城林镇是允州的一个附属行政区,当地历史悠久,不仅有着洲际最大的藏书阁,更有无数古建筑,不只是千年前,就连万年前的建筑,镇内都保留了数座——
“这也不是我们不去调查湖怪,往这些破庙钻的原因啊!?”一个毛绒绒的脑袋打断了其中一个人的解说,有些崩溃道。
“这些地方灰尘满天飞,哪怕有东西,也是写满了我们看不懂的东西…只有你一个人跟撞大运了一样记来记去!大块头,你到底想干什么?”
被称为大块头的云稚停下了翻阅古籍的手,起身回头看向了其他三个人,虽然她们都没有过多过问,但各个眉宇间都染上了些许不解。
“……”云稚幽幽叹了口气,“毕竟我们都这么熟了…那我就和你们说吧。”
“熟?”才相处了不到三天的谭玥笑出声,却被对方理直气壮的眼神逼了回去,新奇地等着对方发言。
云稚背过身去,伸手拂去背后庙墙上的灰尘,语气淡淡:
“应龙者,天地之贞灵,阴阳之枢机也。
”她念出第一句的时候,手已经按在墙上。金光亮起照在墙上,那条黑龙像是活过来一样,在墙上游了一寸。

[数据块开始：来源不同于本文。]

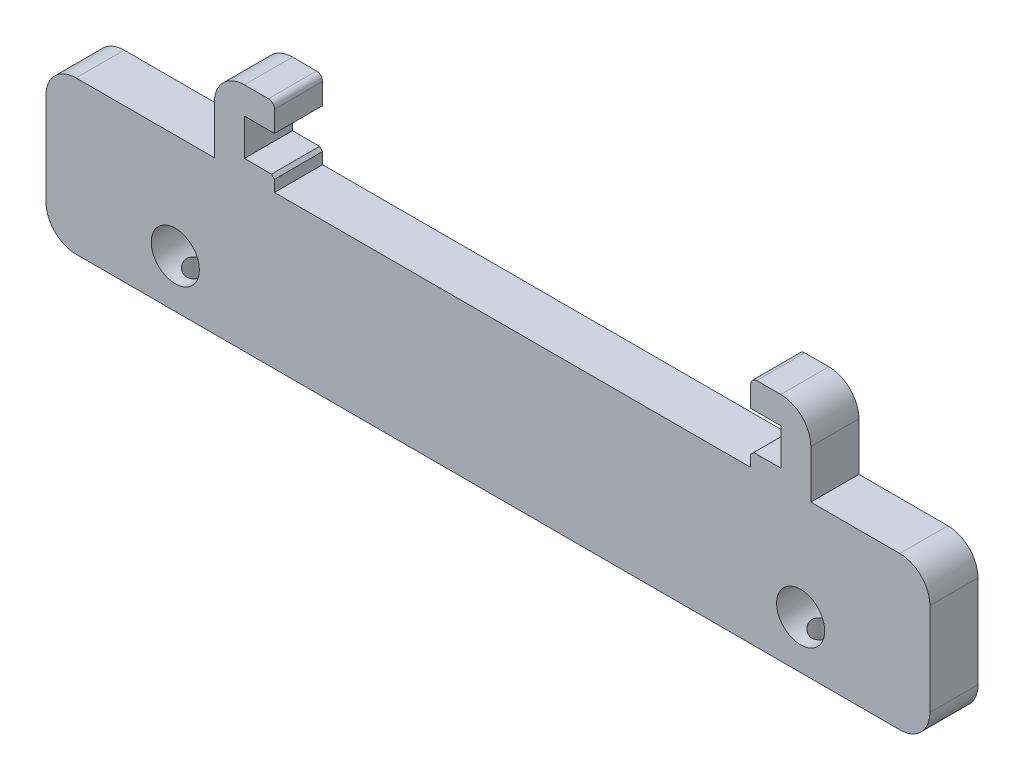
SolidWorks part; units mm, degrees
ref_plane "Front Plane" through (0, 0, 0) normal (0, 0, 1) x (1, 0, 0)
ref_plane "Top Plane" through (0, 0, 0) normal (0, 1, 0) x (1, 0, 0)
ref_plane "Right Plane" through (0, 0, 0) normal (1, 0, 0) x (0, 0, -1)
other "Configuration Table"
sketch "Sketch1" plane through (0, 0, 0) normal (0, 0, 1) x (1, 0, 0)
  line L1 (0, 0) -> (147, 0)
  line L2 (0, 0) -> (0, -25.4)
  line L3 (0, -25.4) -> (147, -25.4)
  line L4 (147, 0) -> (147, -25.4)
  dimension "D1" = 147
  dimension "D2" = 25.4
extrude "Boss-Extrude1" add sketch "Sketch1" along normal blind 8
sketch "Sketch2" plane through (0, 0, 0) normal (0, 1, 0) x (1, 0, 0)
  line L0 (147, 0) -> (0, 0) construction
  line L1 (122.2, 0) -> (127.2, 0)
  line L2 (122.2, 0) -> (122.2, -8)
  line L3 (122.2, -8) -> (127.2, -8)
  line L4 (127.2, 0) -> (127.2, -8)
  line L5 (147, -8) -> (0, -8) construction
  line L7 (0, -8) -> (0, 0) construction
  line L8 (28, 0) -> (33, 0)
  line L9 (28, 0) -> (28, -8)
  line L10 (28, -8) -> (33, -8)
  line L11 (33, 0) -> (33, -8)
  dimension "D1" = 28
  dimension "D2" = 5
  dimension "D3" = 89.2
  dimension "D4" = 5
extrude "Boss-Extrude2" add sketch "Sketch2" along normal blind 10
sketch "Sketch3" plane through (33, 0, 0) normal (1, 0, 0) x (0, 0, -1)
  line L0 (0, 10) -> (0, 0) construction
  line L1 (-8, 10) -> (0, 10)
  line L2 (-8, 10) -> (-8, 8.5)
  line L3 (-8, 8.5) -> (0, 8.5)
  line L4 (0, 10) -> (0, 8.5)
  dimension "D1" = 1.5
extrude "Boss-Extrude3" add sketch "Sketch3" along normal blind 5
ref_plane "Plane1" through (77.6, 0, 0) normal (1, 0, 0) x (0, 0, -1)
mirror "Mirror1" about plane through (77.6, 0, 0) normal (1, 0, 0) of "Boss-Extrude3"
sketch "Sketch4" plane through (0, 0, 0) normal (0, 1, 0) x (1, 0, 0)
  line L0 (38, 0) -> (28, 0) construction
  line L1 (33, 0) -> (38, 0)
  line L2 (33, 0) -> (33, -8)
  line L3 (33, -8) -> (38, -8)
  line L4 (38, 0) -> (38, -8)
  line L5 (122.2, -8) -> (33, -8) construction
  line L6 (38, 0) -> (38, -8) construction
  line L8 (117.2, 0) -> (122.2, 0)
  line L9 (117.2, 0) -> (117.2, -8)
  line L10 (117.2, -8) -> (122.2, -8)
  line L11 (122.2, 0) -> (122.2, -8)
extrude "Boss-Extrude4" add sketch "Sketch4" along normal blind 2.4
sketch "Sketch7" plane through (0, 0, 8) normal (0, 0, 1) x (1, 0, 0)
  line L0 (0, 0) -> (0, -25.4) construction
  line L2 (147, -25.4) -> (147, 0) construction
  line L3 (0, -25.4) -> (147, -25.4) construction
  circle A0 centre (21.5, -17.4) radius 4
  circle A1 centre (125.5, -17.4) radius 4
  dimension "D1" = 8
  dimension "D2" = 8
  dimension "D3" = 104
  dimension "D4" = 21.5
  dimension "D5" = 8
extrude "Cut-Extrude1" cut sketch "Sketch7" against normal through all
sketch "Sketch8" plane through (0, 10, 0) normal (0, 1, 0) x (1, 0, 0)
  line L4 (28, 0) -> (28, -8)
  line L5 (28, -8) -> (38, -8)
  line L6 (38, -8) -> (38, 0)
  line L7 (38, 0) -> (28, 0)
  line L8 (28, 0) -> (28, -8)
  line L9 (28, -8) -> (38, -8)
  line L10 (38, -8) -> (38, 0)
  line L11 (38, 0) -> (28, 0)
  line L12 (127.2, 0) -> (117.2, 0)
  line L13 (117.2, 0) -> (117.2, -8)
  line L14 (117.2, -8) -> (127.2, -8)
  line L15 (127.2, -8) -> (127.2, 0)
  line L16 (127.2, 0) -> (117.2, 0)
  line L17 (117.2, 0) -> (117.2, -8)
  line L18 (117.2, -8) -> (127.2, -8)
  line L19 (127.2, -8) -> (127.2, 0)
  dimension "D1" = 0
  dimension "D2" = 0
extrude "Boss-Extrude5" add sketch "Sketch8" along normal blind 3
fillet "Fillet1" radius 5 4 edges at (0, 0, 4) (147, 0, 4) (127.2, 13, 4) (28, 13, 4)
chamfer "Chamfer1" distance 0.5 angle 45 2 edges at (117.2, 2.4, 4) (38, 2.4, 4)
sketch "Sketch10" plane through (0, -25.4, 0) normal (0, -1, 0) x (1, 0, 0)
  line L0 (0, 8) -> (0, 0) construction
  line L2 (147, 8) -> (147, 0) construction
  point P0 (21.5, 4)
  point P1 (125.5, 4)
  point P4 (0, 4)
  point P7 (147, 4)
  dimension "D1" = 21.5
  dimension "D2" = 21.5
hole_wizard "Ø4.2 (4.2) Diameter Hole1" positions "Sketch10" profile "Sketch11" hole size "Ø4.2" standard "GB"
sketch "Sketch11" plane through (21.5, -25.4, 4) normal (1, 0, 0) x (0, 0, -1)
  line L0 (0, 0) -> (0, 10.7618)
  line L1 (0, 10.7618) -> (2.1, 9.5)
  line L2 (2.1, 9.5) -> (2.1, 0)
  line L5 (2.1, 0) -> (0, 0)
  line L10 (0, 10.7618) -> (-2.1, 9.5) construction
  line L11 (0, -6.35) -> (0, 107.95) construction
  dimension "孔直径" = 4.2
  dimension "孔深度" = 9.5
  dimension "导头角度" = 118
fillet "Fillet2" radius 5 2 edges at (147, -25.4, 4) (0, -25.4, 4)
fillet "Fillet3" radius 1 2 edges at (117.2, 13, 4) (38, 13, 4)

“其形如天河,肋生垂天之翼,振则八风齐鸣;尾曳紫电之芒,扫则**皆惊。”
她一边念,一边沿着龙的轮廓走。金光跟着她的手指蔓延,龙的双翼颤动,最后高高扬起。
“目若双日,开阖间昼夜分判;爪似玄金,挥斥处山岳崩颓。
直到手指描绘完龙的模样,出现在众人面前的是一只身有双翼的黑龙,目若融金,腾空跃起,下有万民垂拜。
“可化尺寸隐于草,能展万里蔽日天。不饮不食,吞吐间沧海为竭。”
在她手下,身有双翼的黑龙图腾金光闪闪,似乎是在回应她的灵力:
“我族供奉神兽应龙万年之久,应龙也庇护了我们数万年,但是,数千年前,似是天道作祟,我们失去了与应龙的联系,也失去了应龙的庇护。尽管我们根基深厚,数千年不显颓势,但作为正统继承人,我也要想办法重新和应龙建立联系才是。”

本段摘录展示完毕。